Ultimately, when I moved back to New York I was given a position to figure out how to get more people to watch NBC, and to make new money from advertising. It was a big challenge, but it really was exciting because I built a team built on trust. We looked at the environment and we knew getting NBC’s content to “be better than it is” wasn’t really our job; What we were tasked with was to get more people to watch it. So I thought: “What if we bring our content to people in captive environments where they can’t turn the channel?” When I retell this story, people typically throw stuff at me, but at the time it was kind of cool. We were the ones who put the TVs in taxis here in New York! That was kind of our first innovation. The business strategy behind it was: “This is a very attractive demographic for advertisers, and it’s also large-scale.” When we first presented the idea to the Taxi & Limousine Commission, we said we’d do all the hard work, but even so, the initial feeling from them was that nobody was going to watch TV in a taxi. Today, tons of New Yorkers watch WNBC in taxis. So again, that’s hustle. Don’t take ‘no’ for an answer. I think ignorance has always been a secret weapon for me (laughs) in that I’m probably too dumb to realize that something’s too hard to do and so I keep going.

During that NBC venture of putting TVs in taxis, on gas pumps and trains, I was really lucky to see a lot of business plans from technology companies. I had no background in finance or M&A or anything along those lines, so it was a chance to see a lot of really good business plans, and some really bad ones too. I was blown away because I saw exactly how finance could raise a lot of money to get ideas off the ground. This inspired me to solve a problem I noticed for years on basketball courts. The problem was: When you don’t have good traction on the court, it really impedes your performance.

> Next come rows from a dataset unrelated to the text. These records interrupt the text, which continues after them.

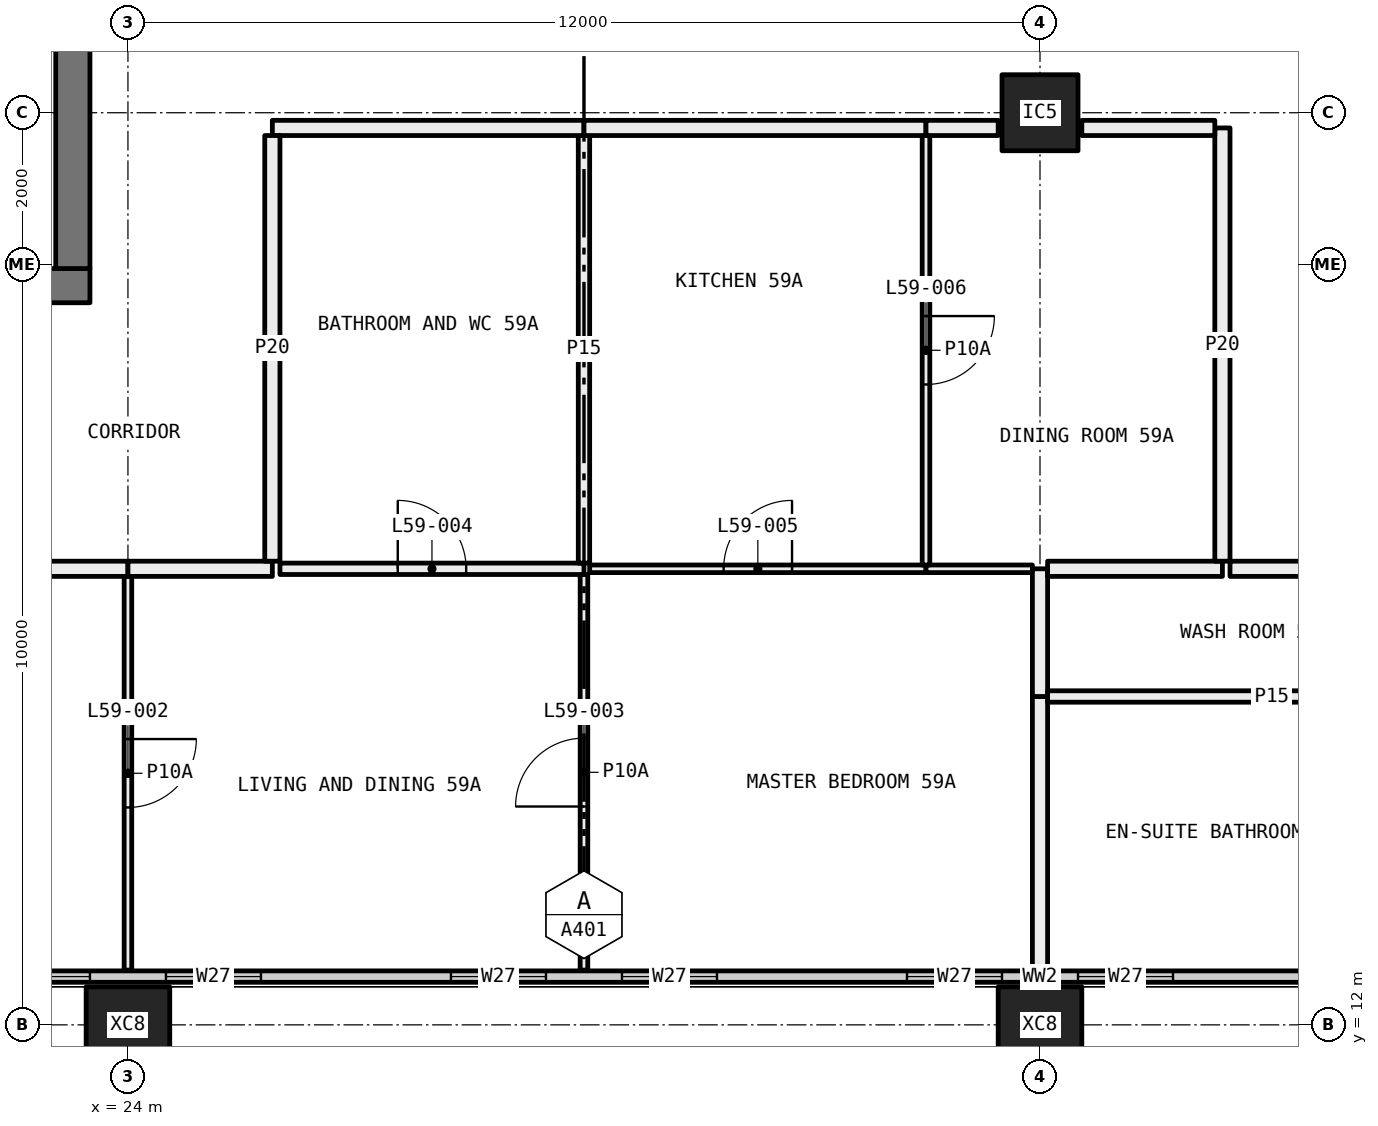
"""IFC4 building model, lengths in metres.
Left out: names, types, materials, properties, quantities, classifications, styles, units other than length and angle.
Written with IfcOpenShell. Run it as: python <this file> out.ifc"""

import sys

from ifc_helpers import new_model, si_unit, direction, frame, frame_2d, origin, origin_2d, place, context, subcontext, project, spatial, rectangle, hollow_rectangle, extrude, element, fill, save


model = new_model("IFC4")
c1 = context("Model", 3, precision=1e-05, world=origin(), true_north=direction((0.0, 1.0)))
c2 = subcontext(c1, "Body", "Model", "MODEL_VIEW")
j1 = project(units=[si_unit("LENGTHUNIT", "METRE"), si_unit("PLANEANGLEUNIT", "RADIAN")], contexts=[c1])
p1 = place(None, origin())
s1 = spatial("IfcSite", under=j1, at=p1, CompositionType="ELEMENT")
p2 = place(p1, origin())
s2 = spatial("IfcBuilding", under=s1, at=p2, CompositionType="ELEMENT")
p3 = place(p2, frame((0.0, 0.0, 221.4)))
s3 = spatial("IfcBuildingStorey", under=s2, at=p3, CompositionType="ELEMENT", Elevation=221.4)
for number, where, z_axis, x_axis in (
    (1, (24.0, 12.0, -0.4), (0.0, 0.0, 1.0), (1.0, 0.0, 0.0)),
    (2, (36.0, 12.0, -0.4), (0.0, 0.0, 1.0), (1.0, 0.0, 0.0)),
):
    element("IfcColumn", number, at=place(p3, frame(where, z_axis=z_axis, x_axis=x_axis)), inside=s3, PredefinedType="COLUMN", context=c2, shape_type="SweptSolid", body=[
        extrude(hollow_rectangle(XDim=1.1, YDim=1.0, WallThickness=0.04, at=origin_2d()), origin(), (0.0, 0.0, 1.0), 3.45),
    ])
p4 = place(p3, frame((36.0, 24.0, 0.0), z_axis=(0.0, 0.0, 1.0), x_axis=(1.0, 0.0, 0.0)))
e3 = element("IfcColumn", 3, at=p4, inside=s3, PredefinedType="COLUMN", context=c2, shape_type="SweptSolid", body=[
    extrude(hollow_rectangle(XDim=1.0, YDim=1.0, WallThickness=0.04, at=origin_2d()), origin(), (0.0, 0.0, 1.0), 3.05),
])
p5 = place(p3, frame((18.56, 12.635, 0.0), z_axis=(0.0, 0.0, 1.0), x_axis=(1.0, 0.0, 0.0)))
e4 = element("IfcWall", 4, at=p5, inside=s3, PredefinedType="ELEMENTEDWALL", context=c2, shape_type="SweptSolid", body=[
    extrude(rectangle(XDim=34.88, YDim=0.15, at=frame_2d((17.44, 0.0))), origin(), (0.0, 0.0, 1.0), 3.05),
])
p6 = place(p5, frame((0.44, 0.0, 0.45)))
e5 = element("IfcOpeningElement", 5, at=p6, cuts=e4, PredefinedType="OPENING", context=c2, shape_type="SweptSolid", body=[
    extrude(rectangle(XDim=4.5, YDim=2.55, at=frame_2d((2.25, 1.275))), frame((0.0, 0.085, 0.0), z_axis=(0.0, -1.0, 0.0), x_axis=(1.0, 0.0, 0.0)), (0.0, 0.0, 1.0), 0.17),
])
p7 = place(p5, frame((5.94, 0.0, 0.45)))
e6 = element("IfcOpeningElement", 6, at=p7, cuts=e4, PredefinedType="OPENING", context=c2, shape_type="SweptSolid", body=[
    extrude(rectangle(XDim=1.25, YDim=2.55, at=frame_2d((0.625, 1.275))), frame((0.0, 0.085, 0.0), z_axis=(0.0, -1.0, 0.0), x_axis=(1.0, 0.0, 0.0)), (0.0, 0.0, 1.0), 0.17),
])
p8 = place(p5, frame((9.69, 0.0, 0.45)))
e7 = element("IfcOpeningElement", 7, at=p8, cuts=e4, PredefinedType="OPENING", context=c2, shape_type="SweptSolid", body=[
    extrude(rectangle(XDim=1.25, YDim=2.55, at=frame_2d((0.625, 1.275))), frame((0.0, 0.085, 0.0), z_axis=(0.0, -1.0, 0.0), x_axis=(1.0, 0.0, 0.0)), (0.0, 0.0, 1.0), 0.17),
])
p9 = place(p5, frame((11.94, 0.0, 0.45)))
e8 = element("IfcOpeningElement", 8, at=p9, cuts=e4, PredefinedType="OPENING", context=c2, shape_type="SweptSolid", body=[
    extrude(rectangle(XDim=1.25, YDim=2.55, at=frame_2d((0.625, 1.275))), frame((0.0, 0.085, 0.0), z_axis=(0.0, -1.0, 0.0), x_axis=(1.0, 0.0, 0.0)), (0.0, 0.0, 1.0), 0.17),
])
p10 = place(p5, frame((15.69, 0.0, 0.45)))
e9 = element("IfcOpeningElement", 9, at=p10, cuts=e4, PredefinedType="OPENING", context=c2, shape_type="SweptSolid", body=[
    extrude(rectangle(XDim=1.25, YDim=2.55, at=frame_2d((0.625, 1.275))), frame((0.0, 0.085, 0.0), z_axis=(0.0, -1.0, 0.0), x_axis=(1.0, 0.0, 0.0)), (0.0, 0.0, 1.0), 0.17),
])
p11 = place(p5, frame((17.94, 0.0, 0.45)))
e10 = element("IfcOpeningElement", 10, at=p11, cuts=e4, PredefinedType="OPENING", context=c2, shape_type="SweptSolid", body=[
    extrude(rectangle(XDim=1.25, YDim=2.55, at=frame_2d((0.625, 1.275))), frame((0.0, 0.085, 0.0), z_axis=(0.0, -1.0, 0.0), x_axis=(1.0, 0.0, 0.0)), (0.0, 0.0, 1.0), 0.17),
])
p12 = place(p5, frame((21.69, 0.0, 0.45)))
e11 = element("IfcOpeningElement", 11, at=p12, cuts=e4, PredefinedType="OPENING", context=c2, shape_type="SweptSolid", body=[
    extrude(rectangle(XDim=1.25, YDim=2.55, at=frame_2d((0.625, 1.275))), frame((0.0, 0.085, 0.0), z_axis=(0.0, -1.0, 0.0), x_axis=(1.0, 0.0, 0.0)), (0.0, 0.0, 1.0), 0.17),
])
p13 = place(p5, frame((23.94, 0.0, 0.45)))
e12 = element("IfcOpeningElement", 12, at=p13, cuts=e4, PredefinedType="OPENING", context=c2, shape_type="SweptSolid", body=[
    extrude(rectangle(XDim=1.25, YDim=2.55, at=frame_2d((0.625, 1.275))), frame((0.0, 0.085, 0.0), z_axis=(0.0, -1.0, 0.0), x_axis=(1.0, 0.0, 0.0)), (0.0, 0.0, 1.0), 0.17),
])
p14 = place(p5, frame((27.69, 0.0, 0.45)))
e13 = element("IfcOpeningElement", 13, at=p14, cuts=e4, PredefinedType="OPENING", context=c2, shape_type="SweptSolid", body=[
    extrude(rectangle(XDim=1.25, YDim=2.55, at=frame_2d((0.625, 1.275))), frame((0.0, 0.085, 0.0), z_axis=(0.0, -1.0, 0.0), x_axis=(1.0, 0.0, 0.0)), (0.0, 0.0, 1.0), 0.17),
])
p15 = place(p5, frame((29.94, 0.0, 0.45)))
e14 = element("IfcOpeningElement", 14, at=p15, cuts=e4, PredefinedType="OPENING", context=c2, shape_type="SweptSolid", body=[
    extrude(rectangle(XDim=4.5, YDim=2.55, at=frame_2d((2.25, 1.275))), frame((0.0, 0.085, 0.0), z_axis=(0.0, -1.0, 0.0), x_axis=(1.0, 0.0, 0.0)), (0.0, 0.0, 1.0), 0.17),
])
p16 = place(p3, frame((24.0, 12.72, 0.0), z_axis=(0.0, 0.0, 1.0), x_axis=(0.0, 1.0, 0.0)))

So I flew out to Ohio every Friday after work to try to find and hire a few engineers. I chose Ohio because that’s where racecar tires are developed – traction was something they studied. The first nine scientists said my idea couldn’t be done. They told me there was no way to add something to a shoe to give it better traction. Later though, a few folks did believe in me, most importantly Dwayne Wade, who became my business partner and the person who co-funded my idea, as well as Urnex, who is a sponsor here tonight. Eventually, we launched the product with Foot Locker! It’s been an incredible experience. Carmelo Anthony and Dwight Howard got involved, and we sold the business about two years ago. I’m now involved in expanding into new products and investing in new start-ups. So whatever you do, it might be the next big idea.

closequotes

The above is a transcript of the words of Mark French of Mission Athletecare. He is also the founder of Court Grip.

About the event: Canopy Brand Group, a New York City-based branding and advertising agency, joined forces with Wishbone, to break the cycle of high school drop-outs in New York City, via the S.P.A.R.K. (Smart, Powerful, and Remarkable Kids) initiative. The panel and party took place on November 12, 2013 at the Art Directors’ Club in the Chelsea section of Manhattan. The interactive discussion was led by Canopy Brand Group’s Strategy Director, John Krubski; the panel of entrepreneurs included: Beth Bugdaycay, CEO & Co-Founder of the Rebecca Taylor fashion brand, Brooke Ely Danielson, Associate Editor of Accessories at GLAMOUR magazine, Marc Sampogna, Founder and Managing Director of Canopy Brand Group, Marie Camaya, Senior Director of Event Marketing at Nickelodeon, and Mark French, Founder of Court Grip and Partner in Mission Athletecare.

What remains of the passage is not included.